あふみ(近江)の海 磯うつ浪の いく度か 御世にこころを くだきぬるかな

 安政7年(1860年)正月、直弼は、正装姿の自分の画像を御用絵師狩野永岳に描かせ、この自詠の和歌を書き添えて、井伊家菩提寺の清涼寺に納めたと伝えられる。
 この歌は、琵琶湖の波が磯に打ち寄せるように、世のために幾度となく心を砕いてきたと、幕府大老として国政に力を尽くしてきた心境をあらわしている。
直弼は、この二ヶ月後の3月3日、江戸城桜田門外で凶刃に倒れた。
 井伊直弼に関しては、毀誉褒貶、いろいろな評価があります。しかしここは、マルク・ブロックの"ロベスピエールをたたえる人も、にくむ人も、後生だからお願いだ。ロベスピエールとはなにものであったのか、それだけを言ってくれたまえ"という言を借りて、彼が何者であったのかを確認したいと思います。幕末維新研究の泰斗、田中彰は『日本の歴史⑮ 開国と倒幕』(集英社)の中で、以下のように述べています。
 1857年(安政4)6月の老中阿部正弘の死去のあと、幕閣の実権は老中堀田正睦(佐倉藩主)に移り、彼は開国政策を支持した。その背後には溜間詰(江戸城内黒書院の溜間で、登城してここに詰める大名を溜間詰、略して溜詰ともいう)の家門・譜代大名がおり、その指導権は彦根藩主井伊直弼が握っていた。これと対立したのが1853年(嘉永6)のペリー来航以来、攘夷主義の立場をとっていた徳川斉昭以下松平慶永、島津斉彬らに代表される大廊下詰家門大名、大広間詰外様大名の一派であった。
 当時、廃人同様といわれた第十三代将軍家定の継嗣問題をめぐってもこの二派は対立し、外交問題と内政問題とが結びつくことによって、この二派の対立はいっそう先鋭化した。

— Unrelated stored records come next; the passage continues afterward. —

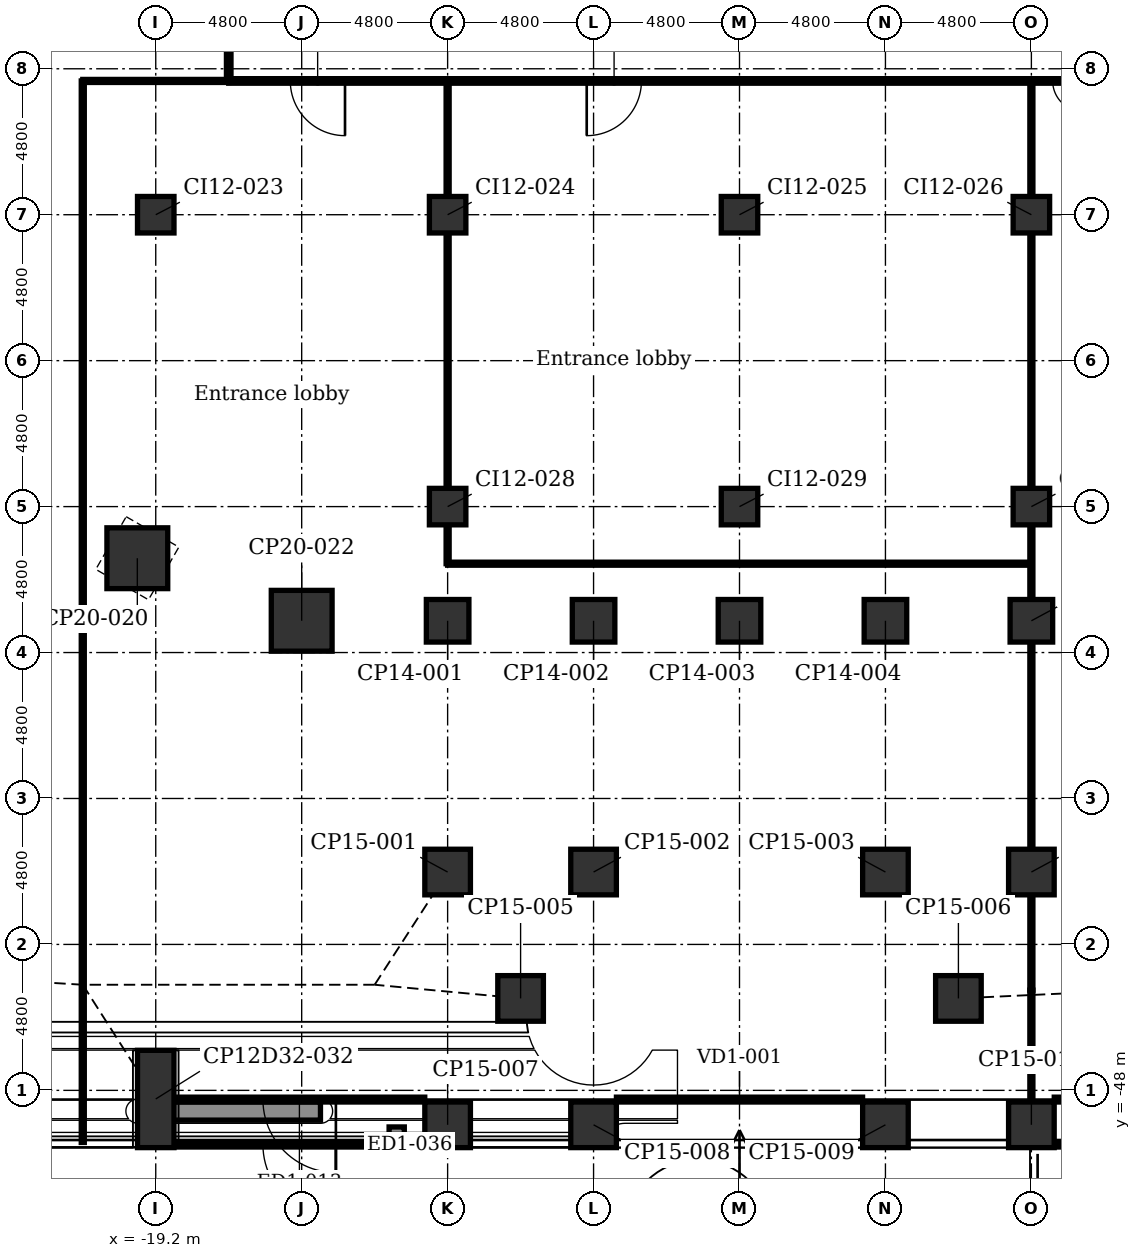
"""IFC4 building model, lengths in metres.
Left out: names, types, materials, properties, quantities, classifications, styles, units other than length and angle.
Written with IfcOpenShell. Run it as: python <this file> out.ifc"""

import sys

from ifc_helpers import new_model, si_unit, direction, frame, frame_2d, origin, origin_2d, place, context, subcontext, project, spatial, rectangle, extrude, element, fill, save


model = new_model("IFC4")
c1 = context("Model", 3, precision=1e-05, world=origin(), true_north=direction((0.0, 1.0)))
c2 = subcontext(c1, "Body", "Model", "MODEL_VIEW")
j1 = project(units=[si_unit("LENGTHUNIT", "METRE"), si_unit("PLANEANGLEUNIT", "RADIAN")], contexts=[c1])
p1 = place(None, origin())
s1 = spatial("IfcSite", under=j1, at=p1, CompositionType="ELEMENT")
p2 = place(p1, origin())
s2 = spatial("IfcBuilding", under=s1, at=p2, CompositionType="ELEMENT")
p3 = place(p2, origin())
s3 = spatial("IfcBuildingStorey", under=s2, at=p3, CompositionType="ELEMENT", Elevation=0.0)
for number, where, z_axis, x_axis in (
    (1, (9.6, -49.133, -0.4), (0.0, 0.0, 1.0), (1.0, 0.0, 0.0)),
    (2, (4.8, -49.133, -0.4), (0.0, 0.0, 1.0), (1.0, 0.0, 0.0)),
    (3, (-4.8, -49.133, -0.4), (0.0, 0.0, 1.0), (1.0, 0.0, 0.0)),
    (4, (-9.6, -49.133, -0.4), (0.0, 0.0, 1.0), (1.0, 0.0, 0.0)),
):
    element("IfcColumn", number, at=place(p3, frame(where, z_axis=z_axis, x_axis=x_axis)), inside=s3, PredefinedType="COLUMN", context=c2, shape_type="SweptSolid", body=[
        extrude(rectangle(XDim=1.5, YDim=1.5, at=origin_2d()), origin(), (0.0, 0.0, 1.0), 7.1),
    ])
p4 = place(p3, frame((-19.2, -48.283, -0.4), z_axis=(0.0, 0.0, 1.0), x_axis=(1.0, 0.0, 0.0)))
e5 = element("IfcColumn", 5, at=p4, inside=s3, PredefinedType="COLUMN", context=c2, shape_type="SweptSolid", body=[
    extrude(rectangle(XDim=1.2, YDim=3.2, at=origin_2d()), origin(), (0.0, 0.0, 1.0), 7.1),
])
for number, where, z_axis, x_axis in (
    (6, (7.2, -44.976, -0.4), (0.0, 0.0, 1.0), (1.0, 0.0, 0.0)),
    (7, (-7.2, -44.976, -0.4), (0.0, 0.0, 1.0), (1.0, 0.0, 0.0)),
    (8, (9.6, -40.819, -0.4), (0.0, 0.0, 1.0), (1.0, 0.0, 0.0)),
    (9, (4.8, -40.819, -0.4), (0.0, 0.0, 1.0), (1.0, 0.0, 0.0)),
    (10, (-4.8, -40.819, -0.4), (0.0, 0.0, 1.0), (1.0, 0.0, 0.0)),
    (11, (-9.6, -40.819, -0.4), (0.0, 0.0, 1.0), (1.0, 0.0, 0.0)),
):
    element("IfcColumn", number, at=place(p3, frame(where, z_axis=z_axis, x_axis=x_axis)), inside=s3, PredefinedType="COLUMN", context=c2, shape_type="SweptSolid", body=[
        extrude(rectangle(XDim=1.5, YDim=1.5, at=origin_2d()), origin(), (0.0, 0.0, 1.0), 7.1),
    ])
for number, where, z_axis, x_axis in (
    (12, (-14.4, -32.555, -0.4), (0.0, 0.0, 1.0), (1.0, 0.0, 0.0)),
    (13, (-19.806, -30.498, -0.4), (0.0, 0.0, 1.0), (0.5, 0.866, 0.0)),
):
    element("IfcColumn", number, at=place(p3, frame(where, z_axis=z_axis, x_axis=x_axis)), inside=s3, PredefinedType="COLUMN", context=c2, shape_type="SweptSolid", body=[
        extrude(rectangle(XDim=2.0, YDim=2.0, at=origin_2d()), origin(), (0.0, 0.0, 1.0), 7.1),
    ])
for number, where, z_axis, x_axis in (
    (14, (9.6, -32.555, -0.4), (0.0, 0.0, 1.0), (1.0, 0.0, 0.0)),
    (15, (4.8, -32.555, -0.4), (0.0, 0.0, 1.0), (1.0, 0.0, 0.0)),
    (16, (0.0, -32.555, -0.4), (0.0, 0.0, 1.0), (1.0, 0.0, 0.0)),
    (17, (-4.8, -32.555, -0.4), (0.0, 0.0, 1.0), (1.0, 0.0, 0.0)),
    (18, (-9.6, -32.555, -0.4), (0.0, 0.0, 1.0), (1.0, 0.0, 0.0)),
):
    element("IfcColumn", number, at=place(p3, frame(where, z_axis=z_axis, x_axis=x_axis)), inside=s3, PredefinedType="COLUMN", context=c2, shape_type="SweptSolid", body=[
        extrude(rectangle(XDim=1.4, YDim=1.4, at=origin_2d()), origin(), (0.0, 0.0, 1.0), 7.1),
    ])
for number, where, z_axis, x_axis in (
    (19, (-19.2, -19.2, -0.4), (0.0, 0.0, 1.0), (1.0, 0.0, 0.0)),
    (20, (-9.6, -28.8, -0.4), (0.0, 0.0, 1.0), (1.0, 0.0, 0.0)),
    (21, (-9.6, -19.2, -0.4), (0.0, 0.0, 1.0), (1.0, 0.0, 0.0)),
    (22, (0.0, -28.8, -0.4), (0.0, 0.0, 1.0), (1.0, 0.0, 0.0)),
    (23, (0.0, -19.2, -0.4), (0.0, 0.0, 1.0), (1.0, 0.0, 0.0)),
    (24, (9.6, -28.8, -0.4), (0.0, 0.0, 1.0), (1.0, 0.0, 0.0)),
    (25, (9.6, -19.2, -0.4), (0.0, 0.0, 1.0), (1.0, 0.0, 0.0)),
):
    element("IfcColumn", number, at=place(p3, frame(where, z_axis=z_axis, x_axis=x_axis)), inside=s3, PredefinedType="COLUMN", context=c2, shape_type="SweptSolid", body=[
        extrude(rectangle(XDim=1.2, YDim=1.2, at=origin_2d()), origin(), (0.0, 0.0, 1.0), 7.1),
    ])
p5 = place(p3, frame((18.598, -48.303, 0.0), z_axis=(0.0, 0.0, 1.0), x_axis=(-1.0, 0.0, 0.0)))
e26 = element("IfcWall", 26, at=p5, inside=s3, PredefinedType="PARTITIONING", context=c2, shape_type="SweptSolid", body=[
    extrude(rectangle(XDim=8.246, YDim=0.16, at=frame_2d((4.123, 0.0))), origin(), (0.0, 0.0, 1.0), 6.7),
])
p6 = place(p5, frame((2.923, 0.0, 0.0)))
e27 = element("IfcOpeningElement", 27, at=p6, cuts=e26, PredefinedType="OPENING", context=c2, shape_type="SweptSolid", body=[
    extrude(rectangle(XDim=2.4, YDim=2.4, at=frame_2d((1.2, 1.2))), frame((0.0, 0.09, 0.0), z_axis=(0.0, -1.0, 0.0), x_axis=(1.0, 0.0, 0.0)), (0.0, 0.0, 1.0), 0.18),
])
p7 = place(p3, frame((4.048, -48.303, 0.0), z_axis=(0.0, 0.0, 1.0), x_axis=(-1.0, 0.0, 0.0)))
e28 = element("IfcWall", 28, at=p7, inside=s3, PredefinedType="PARTITIONING", context=c2, shape_type="SweptSolid", body=[
    extrude(rectangle(XDim=8.096, YDim=0.16, at=frame_2d((4.048, 0.0))), origin(), (0.0, 0.0, 1.0), 6.7),
])
p8 = place(p7, frame((1.298, 0.0, 0.0)))
e29 = element("IfcOpeningElement", 29, at=p8, cuts=e28, PredefinedType="OPENING", context=c2, shape_type="SweptSolid", body=[
    extrude(rectangle(XDim=5.5, YDim=4.5, at=frame_2d((2.75, 2.25))), frame((0.0, 0.09, 0.0), z_axis=(0.0, -1.0, 0.0), x_axis=(1.0, 0.0, 0.0)), (0.0, 0.0, 1.0), 0.18),
])
p9 = place(p3, frame((-10.352, -48.303, 0.0), z_axis=(0.0, 0.0, 1.0), x_axis=(-1.0, 0.0, 0.0)))
e30 = element("IfcWall", 30, at=p9, inside=s3, PredefinedType="PARTITIONING", context=c2, shape_type="SweptSolid", body=[
    extrude(rectangle(XDim=8.246, YDim=0.16, at=frame_2d((4.123, 0.0))), origin(), (0.0, 0.0, 1.0), 6.7),
])
p10 = place(p9, frame((2.923, 0.0, 0.0)))
e31 = element("IfcOpeningElement", 31, at=p10, cuts=e30, PredefinedType="OPENING", context=c2, shape_type="SweptSolid", body=[
    extrude(rectangle(XDim=2.4, YDim=2.4, at=frame_2d((1.2, 1.2))), frame((0.0, 0.09, 0.0), z_axis=(0.0, -1.0, 0.0), x_axis=(1.0, 0.0, 0.0)), (0.0, 0.0, 1.0), 0.18),
])
p11 = place(p3, frame((18.596, -49.783, 0.0), z_axis=(0.0, 0.0, 1.0), x_axis=(-1.0, 0.0, 0.0)))
e32 = element("IfcWall", 32, at=p11, inside=s3, PredefinedType="PARTITIONING", context=c2, shape_type="SweptSolid", body=[
    extrude(rectangle(XDim=8.242, YDim=0.16, at=frame_2d((4.121, 0.0))), origin(), (0.0, 0.0, 1.0), 6.7),
])
p12 = place(p11, frame((2.921, 0.0, 0.0)))
e33 = element("IfcOpeningElement", 33, at=p12, cuts=e32, PredefinedType="OPENING", context=c2, shape_type="SweptSolid", body=[
    extrude(rectangle(XDim=2.4, YDim=2.4, at=frame_2d((1.2, 1.2))), frame((0.0, 0.09, 0.0), z_axis=(0.0, -1.0, 0.0), x_axis=(1.0, 0.0, 0.0)), (0.0, 0.0, 1.0), 0.18),
])
p13 = place(p3, frame((-10.354, -49.783, 0.0), z_axis=(0.0, 0.0, 1.0), x_axis=(-1.0, 0.0, 0.0)))
e34 = element("IfcWall", 34, at=p13, inside=s3, PredefinedType="PARTITIONING", context=c2, shape_type="SweptSolid", body=[
    extrude(rectangle(XDim=8.242, YDim=0.16, at=frame_2d((4.121, 0.0))), origin(), (0.0, 0.0, 1.0), 6.7),
])
p14 = place(p13, frame((2.921, 0.0, 0.0)))
e35 = element("IfcOpeningElement", 35, at=p14, cuts=e34, PredefinedType="OPENING", context=c2, shape_type="SweptSolid", body=[
    extrude(rectangle(XDim=2.4, YDim=2.4, at=frame_2d((1.2, 1.2))), frame((0.0, 0.09, 0.0), z_axis=(0.0, -1.0, 0.0), x_axis=(1.0, 0.0, 0.0)), (0.0, 0.0, 1.0), 0.18),
])
p15 = place(p3, frame((-13.782, -48.683, 7.0), z_axis=(0.0, 0.0, 1.0), x_axis=(-1.0, 0.0, 0.0)))
e36 = element("IfcWall", 36, at=p15, inside=s3, PredefinedType="USERDEFINED", context=c2, shape_type="SweptSolid", body=[
    extrude(rectangle(XDim=6.0, YDim=0.6, at=frame_2d((3.0, 0.0))), origin(), (0.0, 0.0, 1.0), 0.7),
])
p16 = place(p3, frame((-11.025, -49.453, 0.0), z_axis=(0.0, 0.0, 1.0), x_axis=(-1.0, 0.0, 0.0)))
e37 = element("IfcWall", 37, at=p16, inside=s3, PredefinedType="SOLIDWALL", context=c2, shape_type="SweptSolid", body=[
    extrude(rectangle(XDim=0.5, YDim=0.5, at=frame_2d((0.25, 0.0))), origin(), (0.0, 0.0, 1.0), 6.4),
])
p17 = place(p3, frame((9.6, -28.24, 0.0), z_axis=(0.0, 0.0, 1.0), x_axis=(0.0, 1.0, 0.0)))
e38 = element("IfcWall", 38, at=p17, inside=s3, PredefinedType="PARTITIONING", context=c2, shape_type="SweptSolid", body=[
    extrude(rectangle(XDim=8.48, YDim=0.1, at=frame_2d((4.24, 0.0))), origin(), (0.0, 0.0, 1.0), 6.293),
])
p18 = place(p3, frame((9.6, -49.713, 0.0), z_axis=(0.0, 0.0, 1.0), x_axis=(0.0, 1.0, 0.0)))
e39 = element("IfcWall", 39, at=p18, inside=s3, PredefinedType="PARTITIONING", context=c2, shape_type="SweptSolid", body=[
    extrude(rectangle(XDim=5.01, YDim=0.1, at=frame_2d((2.505, 0.0))), origin(), (0.0, 0.0, 1.0), 6.7),
])
p19 = place(p3, frame((9.6, -44.703, 0.0), z_axis=(0.0, 0.0, 1.0), x_axis=(0.0, 1.0, 0.0)))
e40 = element("IfcWall", 40, at=p19, inside=s3, PredefinedType="PARTITIONING", context=c2, shape_type="SweptSolid", body=[
    extrude(rectangle(XDim=3.174, YDim=0.1, at=frame_2d((1.587, 0.0))), origin(), (0.0, 0.0, 1.0), 6.39),
])
p20 = place(p3, frame((9.6, -41.529, 0.0), z_axis=(0.0, 0.0, 1.0), x_axis=(0.0, 1.0, 0.0)))
e41 = element("IfcWall", 41, at=p20, inside=s3, PredefinedType="PARTITIONING", context=c2, shape_type="SweptSolid", body=[
    extrude(rectangle(XDim=1.42, YDim=0.1, at=frame_2d((0.71, 0.0))), origin(), (0.0, 0.0, 1.0), 6.7),
])
p21 = place(p3, frame((9.6, -40.109, 0.0), z_axis=(0.0, 0.0, 1.0), x_axis=(0.0, 1.0, 0.0)))
e42 = element("IfcWall", 42, at=p21, inside=s3, PredefinedType="PARTITIONING", context=c2, shape_type="SweptSolid", body=[
    extrude(rectangle(XDim=6.894, YDim=0.1, at=frame_2d((3.447, 0.0))), origin(), (0.0, 0.0, 1.0), 6.39),
])
p22 = place(p3, frame((9.6, -33.215, 0.0), z_axis=(0.0, 0.0, 1.0), x_axis=(0.0, 1.0, 0.0)))
e43 = element("IfcWall", 43, at=p22, inside=s3, PredefinedType="PARTITIONING", context=c2, shape_type="SweptSolid", body=[
    extrude(rectangle(XDim=1.32, YDim=0.1, at=frame_2d((0.66, 0.0))), origin(), (0.0, 0.0, 1.0), 6.7),
])
p23 = place(p3, frame((9.6, -31.896, 0.0), z_axis=(0.0, 0.0, 1.0), x_axis=(0.0, 1.0, 0.0)))
e44 = element("IfcWall", 44, at=p23, inside=s3, PredefinedType="PARTITIONING", context=c2, shape_type="SweptSolid", body=[
    extrude(rectangle(XDim=2.535, YDim=0.1, at=frame_2d((1.268, 0.0))), origin(), (0.0, 0.0, 1.0), 6.39),
])
for number, where, z_axis, x_axis in (
    (45, (9.6, -29.36, 0.0), (0.0, 0.0, 1.0), (0.0, 1.0, 0.0)),
    (46, (9.6, -19.76, 0.0), (0.0, 0.0, 1.0), (0.0, 1.0, 0.0)),
):
    element("IfcWall", number, at=place(p3, frame(where, z_axis=z_axis, x_axis=x_axis)), inside=s3, PredefinedType="PARTITIONING", context=c2, shape_type="SweptSolid", body=[
        extrude(rectangle(XDim=1.12, YDim=0.1, at=frame_2d((0.56, 0.0))), origin(), (0.0, 0.0, 1.0), 6.7),
    ])
p24 = place(p3, frame((9.6, -18.64, 0.0), z_axis=(0.0, 0.0, 1.0), x_axis=(0.0, 1.0, 0.0)))
e47 = element("IfcWall", 47, at=p24, inside=s3, PredefinedType="PARTITIONING", context=c2, shape_type="SweptSolid", body=[
    extrude(rectangle(XDim=3.84, YDim=0.1, at=frame_2d((1.92, 0.0))), origin(), (0.0, 0.0, 1.0), 6.293),
])
p25 = place(p3, frame((-9.6, -28.24, 0.0), z_axis=(0.0, 0.0, 1.0), x_axis=(0.0, 1.0, 0.0)))
e48 = element("IfcWall", 48, at=p25, inside=s3, PredefinedType="PARTITIONING", context=c2, shape_type="SweptSolid", body=[
    extrude(rectangle(XDim=8.48, YDim=0.1, at=frame_2d((4.24, 0.0))), origin(), (0.0, 0.0, 1.0), 6.293),
])
p26 = place(p3, frame((-9.6, -30.678, 0.0), z_axis=(0.0, 0.0, 1.0), x_axis=(0.0, 1.0, 0.0)))
e49 = element("IfcWall", 49, at=p26, inside=s3, PredefinedType="PARTITIONING", context=c2, shape_type="SweptSolid", body=[
    extrude(rectangle(XDim=1.318, YDim=0.1, at=frame_2d((0.659, 0.0))), origin(), (0.0, 0.0, 1.0), 6.39),
])
for number, where, z_axis, x_axis in (
    (50, (-9.6, -29.36, 0.0), (0.0, 0.0, 1.0), (0.0, 1.0, 0.0)),
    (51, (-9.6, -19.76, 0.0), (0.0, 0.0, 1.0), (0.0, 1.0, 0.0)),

 つまり幕閣の独裁をおさえ、諸雄藩合議制を主張する家門・外様大名の一派は、一橋慶喜(斉昭の第七子)を将軍のあとつぎにしようとし(一橋派)、井伊ら幕閣独裁をとろうとした家門・譜代大名の一派は、紀州藩主徳川慶福(のち家茂)を擁立した(南紀派)。両派とも朝廷工作をすすめ、その暗闘のなかで南紀派の策謀が功を奏したのである。井伊が大老に就任し、独断専行、慶福を将軍継嗣に決定するとともに、威嚇と督促を重ねて迫る初代駐日総領事タウンゼント・ハリスに対しては、勅許をえないままに日米通商条約を調印した(1858年、安政5年6月)。
 継嗣問題で敗れた一橋派は、井伊の違勅調印を理由に、いっせいに井伊攻撃に立ち上がった。「違勅」には「尊王」を、「開国」には「攘夷」を対置した。「攘夷」は反幕閣・反井伊のスローガンになったのである。
 斉昭・慶喜親子や徳川慶恕、松平慶永らが不時登城して井伊を詰問すれば、梁川星巌、梅田雲浜、頼三樹三郎、池内大学らの志士たちは京都に参集して反幕的気運を盛り上げた。孝明天皇も激怒して譲位の意向を示し、1858年(安政5)8月には、条約調印に不満を示す勅諚(戊午の密勅)を水戸藩に下した。朝廷内部にも上級佐幕派公卿と下級攘夷派公卿とが対立し、後者は「列参」(集団行動)という示威行動をとるにいたった。
 この事態に幕府の危機をみた井伊は徹底的な弾圧策をとったのである。井伊の論理は、政治は朝廷から幕府に委任されているのであり、外圧の危機に「臨機の権道」をとるのは当然だとし、勅許を待たない重罪は甘んじて自分一人が負うというものだった。それだけに反対陣営に対しては、大老職に政治生命を賭けて対応したのである。だから、その政治行動は迅速果敢、強烈な政治意志の発現たる強圧的な弾圧策として断行された。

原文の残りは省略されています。